The best way to choose between a skill and MCP is to ask what you are actually giving the agent. Choose a skill when you are packaging knowledge — instructions, checklists, templates, or converted documents. Choose MCP when the agent needs live access to an external system. And if a script can do the job deterministically, use neither — let the agent run the script.
Here is the comparison in one table:
| Question | Skill | MCP server | Script / automation |
|---|---|---|---|
| What it provides | Knowledge and instructions | Live access to external systems | Deterministic execution |
| Idle token cost | ~20–100 tokens (name + description) | Full tool schemas, every session | Zero — only output enters context |
| Best for | Style guides, checklists, converted documents | Real-time data, OAuth, fast-changing APIs | Repetitive, rule-based work |
| Maintenance | You update the markdown | Provider updates the server | You update the code |
| Weakness | Goes stale silently | Standing context overhead | No judgment — needs exact rules |
Start every new integration at the right-hand column and move left only when you need to. Scripts first, skills for knowledge, MCP for access.

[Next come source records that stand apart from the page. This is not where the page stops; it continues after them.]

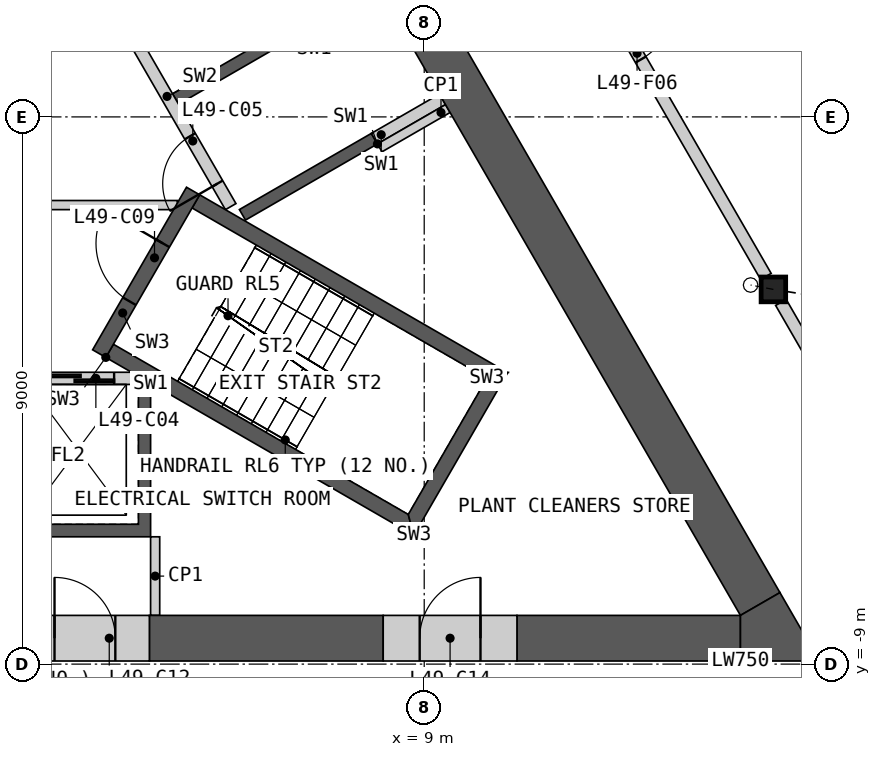
"""IFC4 building model, lengths in metres.
Left out: names, types, materials, properties, quantities, classifications, styles, units other than length and angle.
Written with IfcOpenShell. Run it as: python <this file> out.ifc"""

import sys

from ifc_helpers import new_model, si_unit, direction, frame, frame_2d, origin, origin_2d, place, context, subcontext, project, spatial, polyline, rectangle, i_section, outline, extrude, element, fill, save


model = new_model("IFC4")
c1 = context("Model", 3, precision=1e-05, world=origin(), true_north=direction((0.0, 1.0)))
c2 = subcontext(c1, "Body", "Model", "MODEL_VIEW")
j1 = project(units=[si_unit("LENGTHUNIT", "METRE"), si_unit("PLANEANGLEUNIT", "RADIAN")], contexts=[c1])
p1 = place(None, origin())
s1 = spatial("IfcSite", under=j1, at=p1, CompositionType="ELEMENT")
p2 = place(p1, origin())
s2 = spatial("IfcBuilding", under=s1, at=p2, CompositionType="ELEMENT")
p3 = place(p2, frame((0.0, 0.0, 226.0)))
s3 = spatial("IfcBuildingStorey", under=s2, at=p3, CompositionType="ELEMENT", Elevation=226.0)
p4 = place(p3, frame((14.743, -2.837, 0.0), z_axis=(-0.074782233985, 0.014362473324, 0.997096453128), x_axis=(-0.188610251533, -0.982052021543, 0.0)))
e1 = element("IfcColumn", 1, at=p4, inside=s3, PredefinedType="COLUMN", context=c2, shape_type="SweptSolid", body=[
    extrude(i_section(OverallWidth=0.404, OverallDepth=0.407, WebThickness=0.027, FlangeThickness=0.044, at=origin_2d()), frame((0.0, 0.0, 0.016)), (0.0, 0.0, 1.0), 4.983),
])
p5 = place(p3, origin())
e2 = element("IfcWall", 2, at=p5, inside=s3, PredefinedType="SHEAR", context=c2, shape_type="SweptSolid", body=[
    extrude(outline(polyline([(4.5, -4.4), (4.5, -6.906), (2.1, -6.906), (2.1, -4.4), (2.3, -4.4), (2.3, -6.7), (4.3, -6.7), (4.3, -4.4), (4.5, -4.4)])), origin(), (0.0, 0.0, 1.0), 4.65),
])
p6 = place(p3, frame((-4.187, -4.3, 0.0), z_axis=(0.0, 0.0, 1.0), x_axis=(1.0, 0.0, 0.0)))
e3 = element("IfcWall", 3, at=p6, inside=s3, PredefinedType="SOLIDWALL", context=c2, shape_type="SweptSolid", body=[
    extrude(rectangle(XDim=8.373, YDim=0.2, at=frame_2d((4.187, 0.0))), origin(), (0.0, 0.0, 1.0), 4.65),
])
p7 = place(p6, frame((0.287, 0.0, 0.0)))
e4 = element("IfcOpeningElement", 4, at=p7, cuts=e3, PredefinedType="OPENING", context=c2, shape_type="SweptSolid", body=[
    extrude(rectangle(XDim=1.2, YDim=2.1, at=frame_2d((0.6, 1.05))), frame((0.0, 0.11, 0.0), z_axis=(0.0, -1.0, 0.0), x_axis=(1.0, 0.0, 0.0)), (0.0, 0.0, 1.0), 0.22),
])
p8 = place(p6, frame((2.387, 0.0, 0.0)))
e5 = element("IfcOpeningElement", 5, at=p8, cuts=e3, PredefinedType="OPENING", context=c2, shape_type="SweptSolid", body=[
    extrude(rectangle(XDim=1.4, YDim=2.1, at=frame_2d((0.7, 1.05))), frame((0.0, 0.11, 0.0), z_axis=(0.0, -1.0, 0.0), x_axis=(1.0, 0.0, 0.0)), (0.0, 0.0, 1.0), 0.22),
])
p9 = place(p6, frame((4.837, 0.0, 0.0)))
e6 = element("IfcOpeningElement", 6, at=p9, cuts=e3, PredefinedType="OPENING", context=c2, shape_type="SweptSolid", body=[
    extrude(rectangle(XDim=0.9, YDim=2.1, at=frame_2d((0.45, 1.05))), frame((0.0, 0.11, 0.0), z_axis=(0.0, -1.0, 0.0), x_axis=(1.0, 0.0, 0.0)), (0.0, 0.0, 1.0), 0.22),
])
p10 = place(p6, frame((6.887, 0.0, 0.0)))
e7 = element("IfcOpeningElement", 7, at=p10, cuts=e3, PredefinedType="OPENING", context=c2, shape_type="SweptSolid", body=[
    extrude(rectangle(XDim=1.2, YDim=2.1, at=frame_2d((0.6, 1.05))), frame((0.0, 0.11, 0.0), z_axis=(0.0, -1.0, 0.0), x_axis=(1.0, 0.0, 0.0)), (0.0, 0.0, 1.0), 0.22),
])
p11 = place(p3, origin())
e8 = element("IfcWall", 8, at=p11, inside=s3, PredefinedType="SHEAR", context=c2, shape_type="SweptSolid", body=[
    extrude(outline(polyline([(1.561, 6.097), (3.731, 7.35), (7.131, 1.461), (4.96, 0.208), (4.861, 0.381), (6.852, 1.531), (4.752, 5.169), (2.76, 4.019), (2.66, 4.192), (4.652, 5.342), (3.652, 7.074), (1.66, 5.924), (1.561, 6.097)])), origin(), (0.0, 0.0, 1.0), 4.65),
])
p12 = place(p3, origin())
e9 = element("IfcWall", 9, at=p12, inside=s3, PredefinedType="SHEAR", context=c2, shape_type="SweptSolid", body=[
    extrude(outline(polyline([(8.231, -0.444), (6.061, -1.697), (5.96, -1.524), (8.131, -0.271), (8.231, -0.444)])), origin(), (0.0, 0.0, 1.0), 4.65),
])
p13 = place(p3, frame((5.817, -1.476, 0.0), z_axis=(0.0, 0.0, 1.0), x_axis=(-0.500002616675, 0.866023893041, 0.0)))
e10 = element("IfcWall", 10, at=p13, inside=s3, PredefinedType="SOLIDWALL", context=c2, shape_type="SweptSolid", body=[
    extrude(rectangle(XDim=8.373, YDim=0.2, at=frame_2d((4.187, 0.0))), origin(), (0.0, 0.0, 1.0), 4.65),
])
p14 = place(p13, frame((0.437, 0.0, 0.0)))
e11 = element("IfcOpeningElement", 11, at=p14, cuts=e10, PredefinedType="OPENING", context=c2, shape_type="SweptSolid", body=[
    extrude(rectangle(XDim=0.9, YDim=2.1, at=frame_2d((0.45, 1.05))), frame((0.0, 0.11, 0.0), z_axis=(0.0, -1.0, 0.0), x_axis=(1.0, 0.0, 0.0)), (0.0, 0.0, 1.0), 0.22),
])
p15 = place(p13, frame((3.737, 0.0, 0.0)))
e12 = element("IfcOpeningElement", 12, at=p15, cuts=e10, PredefinedType="OPENING", context=c2, shape_type="SweptSolid", body=[
    extrude(rectangle(XDim=0.9, YDim=2.1, at=frame_2d((0.45, 1.05))), frame((0.0, 0.11, 0.0), z_axis=(0.0, -1.0, 0.0), x_axis=(1.0, 0.0, 0.0)), (0.0, 0.0, 1.0), 0.22),
])
p16 = place(p3, frame((8.181, -0.357, 0.0), z_axis=(0.0, 0.0, 1.0), x_axis=(0.866003189247, 0.500038474733, 0.0)))
e13 = element("IfcWall", 13, at=p16, inside=s3, PredefinedType="SHEAR", context=c2, shape_type="SweptSolid", body=[
    extrude(rectangle(XDim=1.293, YDim=0.2, at=frame_2d((0.646, 0.0))), origin(), (0.0, 0.0, 1.0), 4.65),
])
p17 = place(p3, frame((-4.941, -1.45, 0.0), z_axis=(0.0, 0.0, 1.0), x_axis=(1.0, 0.0, 0.0)))
e14 = element("IfcWall", 14, at=p17, inside=s3, PredefinedType="PARTITIONING", context=c2, shape_type="SweptSolid", body=[
    extrude(rectangle(XDim=9.882, YDim=0.15, at=frame_2d((4.941, 0.0))), origin(), (0.0, 0.0, 1.0), 4.65),
])
p18 = place(p17, frame((4.391, 0.0, 0.0)))
e15 = element("IfcOpeningElement", 15, at=p18, cuts=e14, PredefinedType="OPENING", context=c2, shape_type="SweptSolid", body=[
    extrude(rectangle(XDim=1.1, YDim=2.1, at=frame_2d((0.55, 1.05))), frame((0.0, 0.085, 0.0), z_axis=(0.0, -1.0, 0.0), x_axis=(1.0, 0.0, 0.0)), (0.0, 0.0, 1.0), 0.17),
])
p19 = place(p3, origin())
e16 = element("IfcWall", 16, at=p19, inside=s3, PredefinedType="SHEAR", context=c2, shape_type="SweptSolid", body=[
    extrude(outline(polyline([(3.763, -3.956), (8.83, -6.881), (8.738, -6.539), (3.888, -3.739), (3.763, -3.956)])), origin(), (0.0, 0.0, 1.0), 4.65),
])
p20 = place(p3, origin())
e17 = element("IfcWall", 17, at=p20, inside=s3, PredefinedType="SHEAR", context=c2, shape_type="SweptSolid", body=[
    extrude(outline(polyline([(8.83, -6.881), (10.374, -4.206), (10.032, -4.298), (8.738, -6.539), (8.83, -6.881)])), origin(), (0.0, 0.0, 1.0), 4.65),
])
p21 = place(p3, origin())
e18 = element("IfcWall", 18, at=p21, inside=s3, PredefinedType="SHEAR", context=c2, shape_type="SweptSolid", body=[
    extrude(outline(polyline([(10.032, -4.298), (10.374, -4.206), (5.307, -1.281), (5.182, -1.498), (10.032, -4.298)])), origin(), (0.0, 0.0, 1.0), 4.65),
])
p22 = place(p3, frame((3.655, -3.893, 0.0), z_axis=(0.0, 0.0, 1.0), x_axis=(0.499982516597, 0.866035497597, 0.0)))
e19 = element("IfcWall", 19, at=p22, inside=s3, PredefinedType="SHEAR", context=c2, shape_type="SweptSolid", body=[
    extrude(rectangle(XDim=3.088, YDim=0.25, at=frame_2d((1.544, 0.0))), origin(), (0.0, 0.0, 1.0), 4.65),
])
p23 = place(p22, frame((0.994, 0.0, 0.0)))
e20 = element("IfcOpeningElement", 20, at=p23, cuts=e19, PredefinedType="OPENING", context=c2, shape_type="SweptSolid", body=[
    extrude(rectangle(XDim=1.1, YDim=2.1, at=frame_2d((0.55, 1.05))), frame((0.0, 0.135, 0.0), z_axis=(0.0, -1.0, 0.0), x_axis=(1.0, 0.0, 0.0)), (0.0, 0.0, 1.0), 0.27),
])
for number, where, z_axis, x_axis in (
    (21, (4.575, -6.906, 0.0), (0.0, 0.0, 1.0), (0.0, -1.0, 0.0)),
    (22, (8.268, -0.509, 0.0), (0.0, 0.0, 1.0), (0.866, 0.5, 0.0)),
):
    element("IfcWall", number, at=place(p3, frame(where, z_axis=z_axis, x_axis=x_axis)), inside=s3, PredefinedType="PARTITIONING", context=c2, shape_type="SweptSolid", body=[
        extrude(rectangle(XDim=1.293, YDim=0.15, at=frame_2d((0.646, 0.0))), origin(), (0.0, 0.0, 1.0), 4.65),
    ])
p24 = place(p3, frame((4.48, -8.574, 0.0), z_axis=(0.0, 0.0, 1.0), x_axis=(1.0, 0.0, 0.0)))
e23 = element("IfcWall", 23, at=p24, inside=s3, PredefinedType="SHEAR", context=c2, shape_type="SweptSolid", body=[
    extrude(rectangle(XDim=3.845, YDim=0.75, at=frame_2d((1.923, 0.0))), origin(), (0.0, 0.0, 1.0), 4.65),
])
p25 = place(p3, frame((10.525, -8.574, 0.0), z_axis=(0.0, 0.0, 1.0), x_axis=(1.0, 0.0, 0.0)))
e24 = element("IfcWall", 24, at=p25, inside=s3, PredefinedType="SHEAR", context=c2, shape_type="SweptSolid", body=[
    extrude(rectangle(XDim=3.676, YDim=0.75, at=frame_2d((1.838, 0.0))), origin(), (0.0, 0.0, 1.0), 4.65),
])
p26 = place(p3, frame((14.526, -8.011, 0.0), z_axis=(0.0, 0.0, 1.0), x_axis=(-0.499994855372, 0.866028374016, 0.0)))
e25 = element("IfcWall", 25, at=p26, inside=s3, PredefinedType="SHEAR", context=c2, shape_type="SweptSolid", body=[
    extrude(rectangle(XDim=14.301, YDim=0.75, at=frame_2d((7.15, 0.0))), origin(), (0.0, 0.0, 1.0), 4.65),
])
p27 = place(p3, origin())
e26 = element("IfcWall", 26, at=p27, inside=s3, PredefinedType="SHEAR", context=c2, shape_type="SweptSolid", body=[
    extrude(outline(polyline([(14.201, -8.949), (14.201, -8.199), (14.851, -7.824), (15.5, -8.949), (14.201, -8.949)])), origin(), (0.0, 0.0, 1.0), 4.65),
])
p28 = place(p3, frame((2.32, -8.574, 0.0), z_axis=(0.0, 0.0, 1.0), x_axis=(1.0, 0.0, 0.0)))
e27 = element("IfcWall", 27, at=p28, inside=s3, PredefinedType="SHEAR", context=c2, shape_type="SweptSolid", body=[
    extrude(rectangle(XDim=2.16, YDim=0.75, at=frame_2d((1.08, 0.0))), origin(), (0.0, 0.0, 1.0), 4.65),
])
p29 = place(p28, frame((0.6, 0.0, 0.0)))
e28 = element("IfcOpeningElement", 28, at=p29, cuts=e27, PredefinedType="OPENING", context=c2, shape_type="SweptSolid", body=[
    extrude(rectangle(XDim=1.0, YDim=2.1, at=frame_2d((0.5, 1.05))), frame((0.0, 0.385, 0.0), z_axis=(0.0, -1.0, 0.0), x_axis=(1.0, 0.0, 0.0)), (0.0, 0.0, 1.0), 0.77),
])
p30 = place(p3, frame((8.325, -8.574, 0.0), z_axis=(0.0, 0.0, 1.0), x_axis=(1.0, 0.0, 0.0)))
e29 = element("IfcWall", 29, at=p30, inside=s3, PredefinedType="SHEAR", context=c2, shape_type="SweptSolid", body=[
    extrude(rectangle(XDim=2.2, YDim=0.75, at=frame_2d((1.1, 0.0))), origin(), (0.0, 0.0, 1.0), 4.65),
])
p31 = place(p30, frame((0.6, 0.0, 0.0)))
e30 = element("IfcOpeningElement", 30, at=p31, cuts=e29, PredefinedType="OPENING", context=c2, shape_type="SweptSolid", body=[
    extrude(rectangle(XDim=1.0, YDim=2.1, at=frame_2d((0.5, 1.05))), frame((0.0, 0.385, 0.0), z_axis=(0.0, -1.0, 0.0), x_axis=(1.0, 0.0, 0.0)), (0.0, 0.0, 1.0), 0.77),
])
p32 = place(p3, frame((9.952, 5.461, 0.0), z_axis=(0.0, 0.0, 1.0), x_axis=(0.50000393355, -0.866023132736, 0.0)))
e31 = element("IfcWall", 31, at=p32, inside=s3, PredefinedType="PARTITIONING", context=c2, shape_type="SweptSolid", body=[
    extrude(rectangle(XDim=9.335, YDim=0.2, at=frame_2d((4.667, 0.0))), origin(), (0.0, 0.0, 1.0), 4.65),
])
p33 = place(p32, frame((4.017, 0.0, 0.0)))
e32 = element("IfcOpeningElement", 32, at=p33, cuts=e31, PredefinedType="OPENING", context=c2, shape_type="SweptSolid", body=[
    extrude(rectangle(XDim=1.2, YDim=2.1, at=frame_2d((0.6, 1.05))), frame((0.0, 0.11, 0.0), z_axis=(0.0, -1.0, 0.0), x_axis=(1.0, 0.0, 0.0)), (0.0, 0.0, 1.0), 0.22),
])
p34 = place(p3, frame((14.866, -3.051, 0.0), z_axis=(0.0, 0.0, 1.0), x_axis=(0.499975807604, -0.86603937082, 0.0)))
e33 = element("IfcWall", 33, at=p34, inside=s3, PredefinedType="PARTITIONING", context=c2, shape_type="SweptSolid", body=[
    extrude(rectangle(XDim=5.756, YDim=0.2, at=frame_2d((2.878, 0.0))), origin(), (0.0, 0.0, 1.0), 4.65),
])
p35 = place(p10, origin())
e34 = element("IfcDoor", 34, at=p35, inside=s3, OperationType="SLIDING_TO_LEFT", PredefinedType="DOOR", context=c2, shape_type="SweptSolid", body=[
    extrude(rectangle(XDim=1.2, YDim=2.1, at=frame_2d((0.6, 1.05))), frame((0.0, 0.025, 0.0), z_axis=(0.0, -1.0, 0.0), x_axis=(1.0, 0.0, 0.0)), (0.0, 0.0, 1.0), 0.05),
])
fill(e7, e34)
p36 = place(p14, origin())
e35 = element("IfcDoor", 35, at=p36, inside=s3, OperationType="SINGLE_SWING_LEFT", PredefinedType="DOOR", context=c2, shape_type="SweptSolid", body=[
    extrude(rectangle(XDim=0.9, YDim=2.1, at=frame_2d((0.45, 1.05))), frame((0.0, 0.025, 0.0), z_axis=(0.0, -1.0, 0.0), x_axis=(1.0, 0.0, 0.0)), (0.0, 0.0, 1.0), 0.05),
])
fill(e11, e35)
p37 = place(p23, origin())
e36 = element("IfcDoor", 36, at=p37, inside=s3, OperationType="SINGLE_SWING_RIGHT", PredefinedType="DOOR", context=c2, shape_type="SweptSolid", body=[
    extrude(rectangle(XDim=1.1, YDim=2.1, at=frame_2d((0.55, 1.05))), frame((0.0, 0.025, 0.0), z_axis=(0.0, -1.0, 0.0), x_axis=(1.0, 0.0, 0.0)), (0.0, 0.0, 1.0), 0.05),
])
fill(e20, e36)
p38 = place(p29, origin())
e37 = element("IfcDoor", 37, at=p38, inside=s3, OperationType="SINGLE_SWING_LEFT", PredefinedType="DOOR", context=c2, shape_type="SweptSolid", body=[
    extrude(rectangle(XDim=1.0, YDim=2.1, at=frame_2d((0.5, 1.05))), frame((0.0, 0.13, 0.0), z_axis=(0.0, -1.0, 0.0), x_axis=(1.0, 0.0, 0.0)), (0.0, 0.0, 1.0), 0.05),
])
fill(e28, e37)
p39 = place(p31, origin())
e38 = element("IfcDoor", 38, at=p39, inside=s3, OperationType="SINGLE_SWING_RIGHT", PredefinedType="DOOR", context=c2, shape_type="SweptSolid", body=[
    extrude(rectangle(XDim=1.0, YDim=2.1, at=frame_2d((0.5, 1.05))), frame((0.0, 0.13, 0.0), z_axis=(0.0, -1.0, 0.0), x_axis=(1.0, 0.0, 0.0)), (0.0, 0.0, 1.0), 0.05),
])
fill(e30, e38)
p40 = place(p33, origin())
e39 = element("IfcDoor", 39, at=p40, inside=s3, OperationType="SINGLE_SWING_LEFT", PredefinedType="DOOR", context=c2, shape_type="SweptSolid", body=[
    extrude(rectangle(XDim=1.2, YDim=2.1, at=frame_2d((0.6, 1.05))), frame((0.0, 0.025, 0.0), z_axis=(0.0, -1.0, 0.0), x_axis=(1.0, 0.0, 0.0)), (0.0, 0.0, 1.0), 0.05),
])
fill(e32, e39)
save(model, sys.argv[1])

Your context window will thank you.
Skills vs MCP is not really a war — it is a sorting problem. Knowledge goes into skills, access goes through MCP, oversized documentation goes behind retrieval, and the routine work should leave the context window altogether and live in scripts. Take one document you keep pasting into your AI conversations and convert it to a skill this week; the token math will make the rest of the argument for you.
Frequently Asked Questions
Do skills use fewer tokens than MCP?
Skills use fewer tokens than MCP in most setups because they load progressively. Only a skill’s name and short description sit in context by default, while MCP tool definitions and schemas load at session start. The full skill content loads only when the agent actually needs it for the current task.
Can skills replace MCP servers completely?
Skills can replace MCP servers only when no live connection is needed. Static knowledge — instructions, templates, documented API usage — works well as a skill. Anything requiring real-time data, authentication, or actions on an external service still needs MCP or a script with proper credentials.
What is progressive disclosure in AI agents?
Progressive disclosure is a loading pattern where an AI agent sees only a short summary of available capabilities and pulls in full detail on demand. It keeps the context window lean, because unused instructions never consume more than their one-line description.
How do I convert a document into a skill?
Converting a document into a skill means restructuring it as a markdown file with a name, a one-line trigger description, and the instructions as the body. Trim anything the model already knows, keep the trigger description specific, and bundle scripts for any deterministic steps the document describes.
Should I use a skill or a RAG-based MCP for documentation?
A skill is better for documentation you author and can keep small — guidelines, checklists, and curated how-tos where the agent must see every word. A RAG-based MCP wins when the documentation runs to hundreds of pages and each task needs only a small slice. Retrieval returns just the relevant passages, and its vector layer matches questions by meaning rather than exact wording, so token cost stays flat as the docs grow.
When should I use a script instead of a skill or MCP?
A script is the right choice whenever the task is deterministic — the same input should always produce the same output. File conversions, validation, data filtering, and formatting are script territory. It costs zero context tokens while running; only the output the agent reads counts.